- The Washington Times - Monday, April 21, 2008

SUFFOLK, Va. (AP) — A mysterious ailment has been killing honeybees nationwide, so the General Assembly, Virginia Tech’s Cooperative Extension Service and the state Department of Agriculture are on a campaign to bring bees back to Virginia.

The disease, known as Colony Collapse Disorder, causes bees to seemingly disappear. It began showing up late last year in Virginia, state apiarist Keith Tignor said.

Mr. Tignor said several diseases and insects, such as mites, also threaten honeybees.

“We’re continuing to do research, and we’ve seen at least two new pathogens we hadn’t seen before,” he said. “We’re trying to keep bees alive and active.”

Last year, the state set aside money to sponsor seminars across eastern Virginia to provide bee information and help supply beehive startup kits.
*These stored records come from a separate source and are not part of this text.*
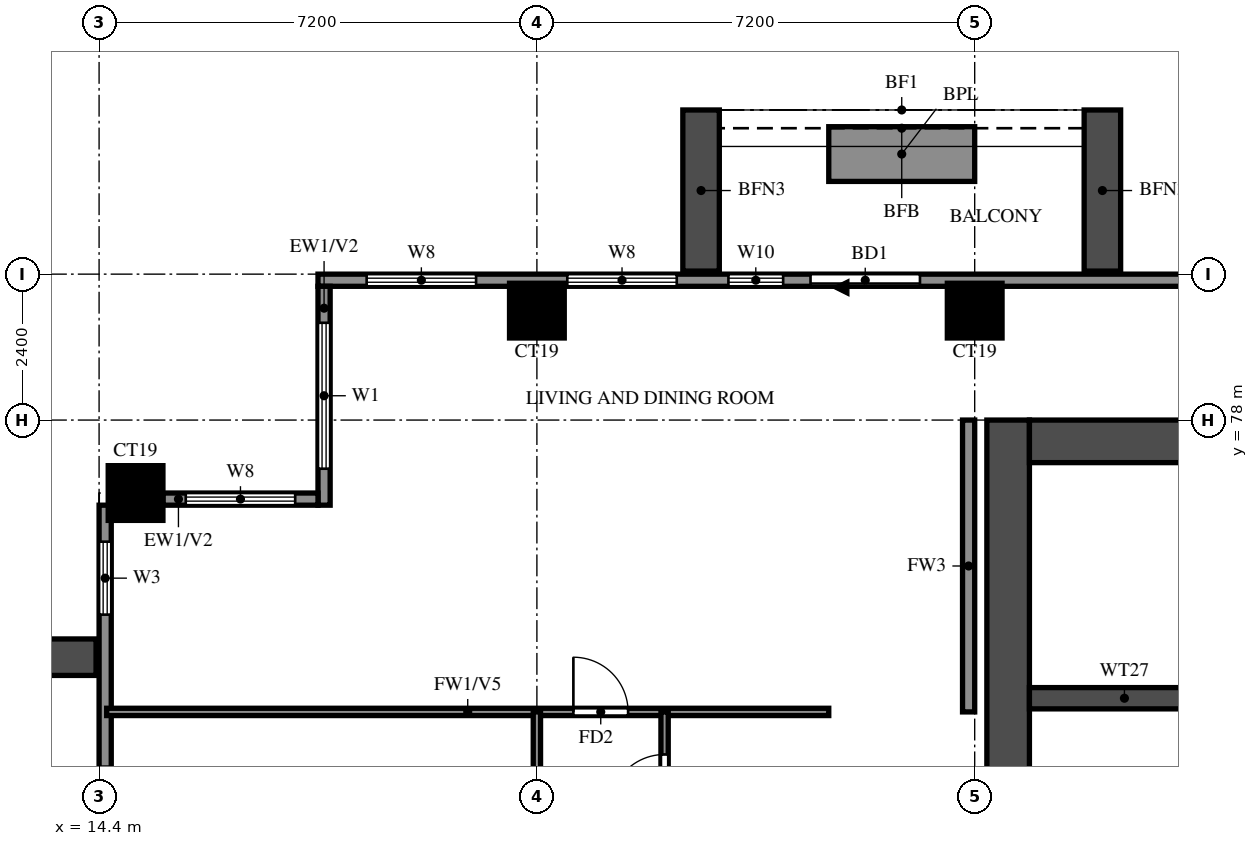
"""IFC4 building model, lengths in metres.
Left out: names, types, materials, properties, quantities, classifications, styles, units other than length and angle.
Written with IfcOpenShell. Run it as: python <this file> out.ifc"""

import sys

from ifc_helpers import new_model, si_unit, direction, frame, frame_2d, origin, origin_2d, place, context, subcontext, project, spatial, rectangle, extrude, source, transform, mapped, element, fill, save


model = new_model("IFC4")
c1 = context("Model", 3, precision=1e-05, world=origin(), true_north=direction((0.0, 1.0)))
c2 = subcontext(c1, "Body", "Model", "MODEL_VIEW")
j1 = project(units=[si_unit("LENGTHUNIT", "METRE"), si_unit("PLANEANGLEUNIT", "RADIAN")], contexts=[c1])
p1 = place(None, origin())
s1 = spatial("IfcSite", under=j1, at=p1, CompositionType="ELEMENT")
p2 = place(p1, origin())
s2 = spatial("IfcBuilding", under=s1, at=p2, CompositionType="ELEMENT")
p3 = place(p2, frame((0.0, 0.0, 123.5)))
s3 = spatial("IfcBuildingStorey", under=s2, at=p3, CompositionType="ELEMENT", Elevation=123.5)
m1 = source(origin(), c2, "Body", "SweptSolid", [
    extrude(rectangle(XDim=0.9, YDim=0.9, at=origin_2d()), origin(), (0.0, 0.0, 1.0), 3.2),
])
for number, where, z_axis, x_axis in (
    (1, (15.0, 76.8, 0.0), (0.0, 0.0, 1.0), (1.0, 0.0, 0.0)),
    (2, (21.6, 79.8, 0.0), (0.0, 0.0, 1.0), (1.0, 0.0, 0.0)),
    (3, (28.8, 79.8, 0.0), (0.0, 0.0, 1.0), (1.0, 0.0, 0.0)),
):
    element("IfcColumn", number, at=place(p3, frame(where, z_axis=z_axis, x_axis=x_axis)), inside=s3, PredefinedType="COLUMN", context=c2, shape_type="MappedRepresentation", body=[
        mapped(m1, transform((0.0, 0.0, 0.0))),
    ])
p4 = place(p3, frame((29.35, 66.1, 0.0), z_axis=(0.0, 0.0, 1.0), x_axis=(0.0, 1.0, 0.0)))
e4 = element("IfcWall", 4, at=p4, inside=s3, PredefinedType="SHEAR", context=c2, shape_type="SweptSolid", body=[
    extrude(rectangle(XDim=11.9, YDim=0.7, at=frame_2d((5.95, 0.0))), origin(), (0.0, 0.0, 1.0), 3.2),
])
p5 = place(p3, frame((29.7, 77.65, 0.0), z_axis=(0.0, 0.0, 1.0), x_axis=(1.0, 0.0, 0.0)))
e5 = element("IfcWall", 5, at=p5, inside=s3, PredefinedType="SHEAR", context=c2, shape_type="SweptSolid", body=[
    extrude(rectangle(XDim=41.4, YDim=0.7, at=frame_2d((20.7, 0.0))), origin(), (0.0, 0.0, 1.0), 3.2),
])
p6 = place(p3, frame((29.7, 73.425, 0.0), z_axis=(0.0, 0.0, 1.0), x_axis=(1.0, 0.0, 0.0)))
e6 = element("IfcWall", 6, at=p6, inside=s3, PredefinedType="SHEAR", context=c2, shape_type="SweptSolid", body=[
    extrude(rectangle(XDim=3.125, YDim=0.35, at=frame_2d((1.562, 0.0))), origin(), (0.0, 0.0, 1.0), 3.2),
])
p7 = place(p3, frame((82.6, 80.3, 0.0), z_axis=(0.0, 0.0, 1.0), x_axis=(-1.0, 0.0, 0.0)))
e7 = element("IfcWall", 7, at=p7, inside=s3, PredefinedType="SOLIDWALL", context=c2, shape_type="SweptSolid", body=[
    extrude(rectangle(XDim=64.6, YDim=0.2, at=frame_2d((32.3, 0.0))), origin(), (0.0, 0.0, 1.0), 3.2),
])
p8 = place(p7, frame((54.7, 0.0, 0.0)))
e8 = element("IfcOpeningElement", 8, at=p8, cuts=e7, PredefinedType="OPENING", context=c2, shape_type="SweptSolid", body=[
    extrude(rectangle(XDim=1.8, YDim=2.4, at=frame_2d((0.9, 1.2))), frame((0.0, 0.11, 0.0), z_axis=(0.0, -1.0, 0.0), x_axis=(1.0, 0.0, 0.0)), (0.0, 0.0, 1.0), 0.22),
])
p9 = place(p7, frame((56.95, 0.0, 0.6)))
e9 = element("IfcOpeningElement", 9, at=p9, cuts=e7, PredefinedType="OPENING", context=c2, shape_type="SweptSolid", body=[
    extrude(rectangle(XDim=0.9, YDim=2.4, at=frame_2d((0.45, 1.2))), frame((0.0, 0.11, 0.0), z_axis=(0.0, -1.0, 0.0), x_axis=(1.0, 0.0, 0.0)), (0.0, 0.0, 1.0), 0.22),
])
p10 = place(p7, frame((58.7, 0.0, 0.6)))
e10 = element("IfcOpeningElement", 10, at=p10, cuts=e7, PredefinedType="OPENING", context=c2, shape_type="SweptSolid", body=[
    extrude(rectangle(XDim=1.8, YDim=2.4, at=frame_2d((0.9, 1.2))), frame((0.0, 0.11, 0.0), z_axis=(0.0, -1.0, 0.0), x_axis=(1.0, 0.0, 0.0)), (0.0, 0.0, 1.0), 0.22),
])
p11 = place(p7, frame((62.0, 0.0, 0.6)))
e11 = element("IfcOpeningElement", 11, at=p11, cuts=e7, PredefinedType="OPENING", context=c2, shape_type="SweptSolid", body=[
    extrude(rectangle(XDim=1.8, YDim=2.4, at=frame_2d((0.9, 1.2))), frame((0.0, 0.11, 0.0), z_axis=(0.0, -1.0, 0.0), x_axis=(1.0, 0.0, 0.0)), (0.0, 0.0, 1.0), 0.22),
])
p12 = place(p7, frame((0.7, 0.0, 0.6)))
e12 = element("IfcOpeningElement", 12, at=p12, cuts=e7, PredefinedType="OPENING", context=c2, shape_type="SweptSolid", body=[
    extrude(rectangle(XDim=1.8, YDim=2.4, at=frame_2d((0.9, 1.2))), frame((0.0, 0.11, 0.0), z_axis=(0.0, -1.0, 0.0), x_axis=(1.0, 0.0, 0.0)), (0.0, 0.0, 1.0), 0.22),
])
p13 = place(p7, frame((4.367, 0.0, 0.6)))
e13 = element("IfcOpeningElement", 13, at=p13, cuts=e7, PredefinedType="OPENING", context=c2, shape_type="SweptSolid", body=[
    extrude(rectangle(XDim=2.4, YDim=2.4, at=frame_2d((1.2, 1.2))), frame((0.0, 0.11, 0.0), z_axis=(0.0, -1.0, 0.0), x_axis=(1.0, 0.0, 0.0)), (0.0, 0.0, 1.0), 0.22),
])
p14 = place(p7, frame((7.233, 0.0, 0.6)))
e14 = element("IfcOpeningElement", 14, at=p14, cuts=e7, PredefinedType="OPENING", context=c2, shape_type="SweptSolid", body=[
    extrude(rectangle(XDim=2.4, YDim=2.4, at=frame_2d((1.2, 1.2))), frame((0.0, 0.11, 0.0), z_axis=(0.0, -1.0, 0.0), x_axis=(1.0, 0.0, 0.0)), (0.0, 0.0, 1.0), 0.22),
])
p15 = place(p3, frame((18.1, 80.2, 0.0), z_axis=(0.0, 0.0, 1.0), x_axis=(0.0, -1.0, 0.0)))
e15 = element("IfcWall", 15, at=p15, inside=s3, PredefinedType="SOLIDWALL", context=c2, shape_type="SweptSolid", body=[
    extrude(rectangle(XDim=3.6, YDim=0.2, at=frame_2d((1.8, 0.0))), origin(), (0.0, 0.0, 1.0), 3.2),
])
p16 = place(p15, frame((0.6, 0.0, 0.6)))
e16 = element("IfcOpeningElement", 16, at=p16, cuts=e15, PredefinedType="OPENING", context=c2, shape_type="SweptSolid", body=[
    extrude(rectangle(XDim=2.4, YDim=2.4, at=frame_2d((1.2, 1.2))), frame((0.0, 0.11, 0.0), z_axis=(0.0, -1.0, 0.0), x_axis=(1.0, 0.0, 0.0)), (0.0, 0.0, 1.0), 0.22),
])
p17 = place(p3, frame((18.0, 76.7, 0.0), z_axis=(0.0, 0.0, 1.0), x_axis=(-1.0, 0.0, 0.0)))
e17 = element("IfcWall", 17, at=p17, inside=s3, PredefinedType="SOLIDWALL", context=c2, shape_type="SweptSolid", body=[
    extrude(rectangle(XDim=2.55, YDim=0.2, at=frame_2d((1.275, 0.0))), origin(), (0.0, 0.0, 1.0), 3.2),
])
p18 = place(p17, frame((0.375, 0.0, 0.6)))
e18 = element("IfcOpeningElement", 18, at=p18, cuts=e17, PredefinedType="OPENING", context=c2, shape_type="SweptSolid", body=[
    extrude(rectangle(XDim=1.8, YDim=2.4, at=frame_2d((0.9, 1.2))), frame((0.0, 0.11, 0.0), z_axis=(0.0, -1.0, 0.0), x_axis=(1.0, 0.0, 0.0)), (0.0, 0.0, 1.0), 0.22),
])
p19 = place(p3, frame((14.5, 76.6, 0.0), z_axis=(0.0, 0.0, 1.0), x_axis=(0.0, -1.0, 0.0)))
e19 = element("IfcWall", 19, at=p19, inside=s3, PredefinedType="SOLIDWALL", context=c2, shape_type="SweptSolid", body=[
    extrude(rectangle(XDim=33.4, YDim=0.2, at=frame_2d((16.7, 0.0))), origin(), (0.0, 0.0, 1.0), 3.2),
])
p20 = place(p19, frame((4.3, 0.0, 0.0)))
e20 = element("IfcOpeningElement", 20, at=p20, cuts=e19, PredefinedType="OPENING", context=c2, shape_type="SweptSolid", body=[
    extrude(rectangle(XDim=1.8, YDim=2.4, at=frame_2d((0.9, 1.2))), frame((0.0, 0.11, 0.0), z_axis=(0.0, -1.0, 0.0), x_axis=(1.0, 0.0, 0.0)), (0.0, 0.0, 1.0), 0.22),
])
p21 = place(p19, frame((18.7, 0.0, 0.0)))
e21 = element("IfcOpeningElement", 21, at=p21, cuts=e19, PredefinedType="OPENING", context=c2, shape_type="SweptSolid", body=[
    extrude(rectangle(XDim=1.8, YDim=2.4, at=frame_2d((0.9, 1.2))), frame((0.0, 0.11, 0.0), z_axis=(0.0, -1.0, 0.0), x_axis=(1.0, 0.0, 0.0)), (0.0, 0.0, 1.0), 0.22),
])
p22 = place(p19, frame((29.9, 0.0, 0.6)))
e22 = element("IfcOpeningElement", 22, at=p22, cuts=e19, PredefinedType="OPENING", context=c2, shape_type="SweptSolid", body=[
    extrude(rectangle(XDim=2.4, YDim=2.4, at=frame_2d((1.2, 1.2))), frame((0.0, 0.11, 0.0), z_axis=(0.0, -1.0, 0.0), x_axis=(1.0, 0.0, 0.0)), (0.0, 0.0, 1.0), 0.22),
])
p23 = place(p19, frame((22.05, 0.0, 0.6)))
e23 = element("IfcOpeningElement", 23, at=p23, cuts=e19, PredefinedType="OPENING", context=c2, shape_type="SweptSolid", body=[
    extrude(rectangle(XDim=0.9, YDim=2.4, at=frame_2d((0.45, 1.2))), frame((0.0, 0.11, 0.0), z_axis=(0.0, -1.0, 0.0), x_axis=(1.0, 0.0, 0.0)), (0.0, 0.0, 1.0), 0.22),
])
p24 = place(p19, frame((24.8, 0.0, 0.6)))
e24 = element("IfcOpeningElement", 24, at=p24, cuts=e19, PredefinedType="OPENING", context=c2, shape_type="SweptSolid", body=[
    extrude(rectangle(XDim=2.4, YDim=2.4, at=frame_2d((1.2, 1.2))), frame((0.0, 0.11, 0.0), z_axis=(0.0, -1.0, 0.0), x_axis=(1.0, 0.0, 0.0)), (0.0, 0.0, 1.0), 0.22),
])
p25 = place(p19, frame((15.0, 0.0, 0.6)))
e25 = element("IfcOpeningElement", 25, at=p25, cuts=e19, PredefinedType="OPENING", context=c2, shape_type="SweptSolid", body=[
    extrude(rectangle(XDim=1.2, YDim=2.4, at=frame_2d((0.6, 1.2))), frame((0.0, 0.11, 0.0), z_axis=(0.0, -1.0, 0.0), x_axis=(1.0, 0.0, 0.0)), (0.0, 0.0, 1.0), 0.22),
])
p26 = place(p19, frame((11.75, 0.0, 1.5)))
e26 = element("IfcOpeningElement", 26, at=p26, cuts=e19, PredefinedType="OPENING", context=c2, shape_type="SweptSolid", body=[
    extrude(rectangle(XDim=0.9, YDim=0.9, at=frame_2d((0.45, 0.45))), frame((0.0, 0.11, 0.0), z_axis=(0.0, -1.0, 0.0), x_axis=(1.0, 0.0, 0.0)), (0.0, 0.0, 1.0), 0.22),
])
p27 = place(p19, frame((7.5, 0.0, 0.6)))
e27 = element("IfcOpeningElement", 27, at=p27, cuts=e19, PredefinedType="OPENING", context=c2, shape_type="SweptSolid", body=[
    extrude(rectangle(XDim=1.2, YDim=2.4, at=frame_2d((0.6, 1.2))), frame((0.0, 0.11, 0.0), z_axis=(0.0, -1.0, 0.0), x_axis=(1.0, 0.0, 0.0)), (0.0, 0.0, 1.0), 0.22),
])
p28 = place(p19, frame((9.55, 0.0, 0.6)))
e28 = element("IfcOpeningElement", 28, at=p28, cuts=e19, PredefinedType="OPENING", context=c2, shape_type="SweptSolid", body=[
    extrude(rectangle(XDim=0.9, YDim=2.4, at=frame_2d((0.45, 1.2))), frame((0.0, 0.11, 0.0), z_axis=(0.0, -1.0, 0.0), x_axis=(1.0, 0.0, 0.0)), (0.0, 0.0, 1.0), 0.22),
])
p29 = place(p19, frame((0.6, 0.0, 0.6)))
e29 = element("IfcOpeningElement", 29, at=p29, cuts=e19, PredefinedType="OPENING", context=c2, shape_type="SweptSolid", body=[
    extrude(rectangle(XDim=1.2, YDim=2.4, at=frame_2d((0.6, 1.2))), frame((0.0, 0.11, 0.0), z_axis=(0.0, -1.0, 0.0), x_axis=(1.0, 0.0, 0.0)), (0.0, 0.0, 1.0), 0.22),
])
for number, where, z_axis, x_axis in (
    (30, (30.9, 80.45, 0.0), (0.0, 0.0, 1.0), (0.0, 1.0, 0.0)),
    (31, (24.3, 80.45, 0.0), (0.0, 0.0, 1.0), (0.0, 1.0, 0.0)),
):
    element("IfcWall", number, at=place(p3, frame(where, z_axis=z_axis, x_axis=x_axis)), inside=s3, PredefinedType="SOLIDWALL", context=c2, shape_type="SweptSolid", body=[
        extrude(rectangle(XDim=2.65, YDim=0.6, at=frame_2d((1.325, 0.0))), origin(), (0.0, 0.0, 1.0), 2.85),
    ])
p30 = place(p3, frame((28.8, 82.375, 0.0), z_axis=(0.0, 0.0, 1.0), x_axis=(-1.0, 0.0, 0.0)))
e32 = element("IfcWall", 32, at=p30, inside=s3, PredefinedType="SOLIDWALL", context=c2, shape_type="SweptSolid", body=[
    extrude(rectangle(XDim=2.4, YDim=0.9, at=frame_2d((1.2, 0.0))), origin(), (0.0, 0.0, 1.0), 0.9),
])
p31 = place(p3, frame((14.35, 74.1, 0.0), z_axis=(0.0, 0.0, 1.0), x_axis=(-1.0, 0.0, 0.0)))
e33 = element("IfcWall", 33, at=p31, inside=s3, PredefinedType="SOLIDWALL", context=c2, shape_type="SweptSolid", body=[
    extrude(rectangle(XDim=2.65, YDim=0.6, at=frame_2d((1.325, 0.0))), origin(), (0.0, 0.0, 1.0), 2.85),
])
p32 = place(p3, frame((28.7, 73.2, 0.0), z_axis=(0.0, 0.0, 1.0), x_axis=(0.0, 1.0, 0.0)))
e34 = element("IfcWall", 34, at=p32, inside=s3, PredefinedType="SOLIDWALL", context=c2, shape_type="SweptSolid", body=[
    extrude(rectangle(XDim=4.8, YDim=0.2, at=frame_2d((2.4, 0.0))), origin(), (0.0, 0.0, 1.0), 3.2),
])
p33 = place(p3, frame((14.525, 73.2, 0.0), z_axis=(0.0, 0.0, 1.0), x_axis=(1.0, 0.0, 0.0)))
e35 = element("IfcWall", 35, at=p33, inside=s3, PredefinedType="PARTITIONING", context=c2, shape_type="SweptSolid", body=[
    extrude(rectangle(XDim=11.875, YDim=0.12, at=frame_2d((5.938, 0.0))), origin(), (0.0, 0.0, 1.0), 2.3),
])
p34 = place(p33, frame((7.675, 0.0, 0.0)))
e36 = element("IfcOpeningElement", 36, at=p34, cuts=e35, PredefinedType="OPENING", context=c2, shape_type="SweptSolid", body=[
    extrude(rectangle(XDim=0.9, YDim=2.1, at=frame_2d((0.45, 1.05))), frame((0.0, 0.07, 0.0), z_axis=(0.0, -1.0, 0.0), x_axis=(1.0, 0.0, 0.0)), (0.0, 0.0, 1.0), 0.14),
])
p35 = place(p3, frame((21.6, 66.0, 0.0), z_axis=(0.0, 0.0, 1.0), x_axis=(0.0, 1.0, 0.0)))
e37 = element("IfcWall", 37, at=p35, inside=s3, PredefinedType="PARTITIONING", context=c2, shape_type="SweptSolid", body=[
    extrude(rectangle(XDim=7.2, YDim=0.12, at=frame_2d((3.6, 0.0))), origin(), (0.0, 0.0, 1.0), 3.2),
])
p36 = place(p35, frame((1.35, 0.0, 0.0)))
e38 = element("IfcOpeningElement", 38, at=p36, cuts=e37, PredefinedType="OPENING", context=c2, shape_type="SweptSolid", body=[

In Suffolk recently, nearly 300 people showed up at two such seminars at the National Guard Armory.

“If you’re a farmer, the more bees you have, the better off you are,” Mr. Tignor told the crowd.

At each seminar, the state gives away 25 beekeeping startup kits that provide everything needed for beginners except the insects themselves. At least two of the kits given away at each session go to youngsters.

People also can buy the kits for about $150, Mr. Tignor said. Then, those interested in the sweet hobby must have a queen and several pounds of bees. Although a queen bee can live up to eight years, Mr. Tignor recommended replacing the queen every two years to maintain the hive.

“The queen stays busy,” he said. “She’s laying an egg every 12 to 20 seconds.”

Dennis Martin of Suffolk is a retiree, not a farmer, but he loves to garden and had little luck with his fruit trees or vegetables last year.

“I had almost no fruit,” Mr. Martin said. “I thought, if I had my own bees, it would help.”

Europeans coming to Jamestown, the nation’s first permanent English settlement, first brought honeybees to the region in 1622, according to the Department of Agriculture.

Today, bees pollinate at least 80 crops grown in the state.

But Virginia is losing honeybees at about 30 percent a year, said Rex Cotten, the Virginia Tech extension agent in Suffolk who organized the seminars.

Mr. Cotten said educating the public is meant to help repopulate the bee population east of Interstate 95.

“We must bring them back,” he said. “We will bring them back.”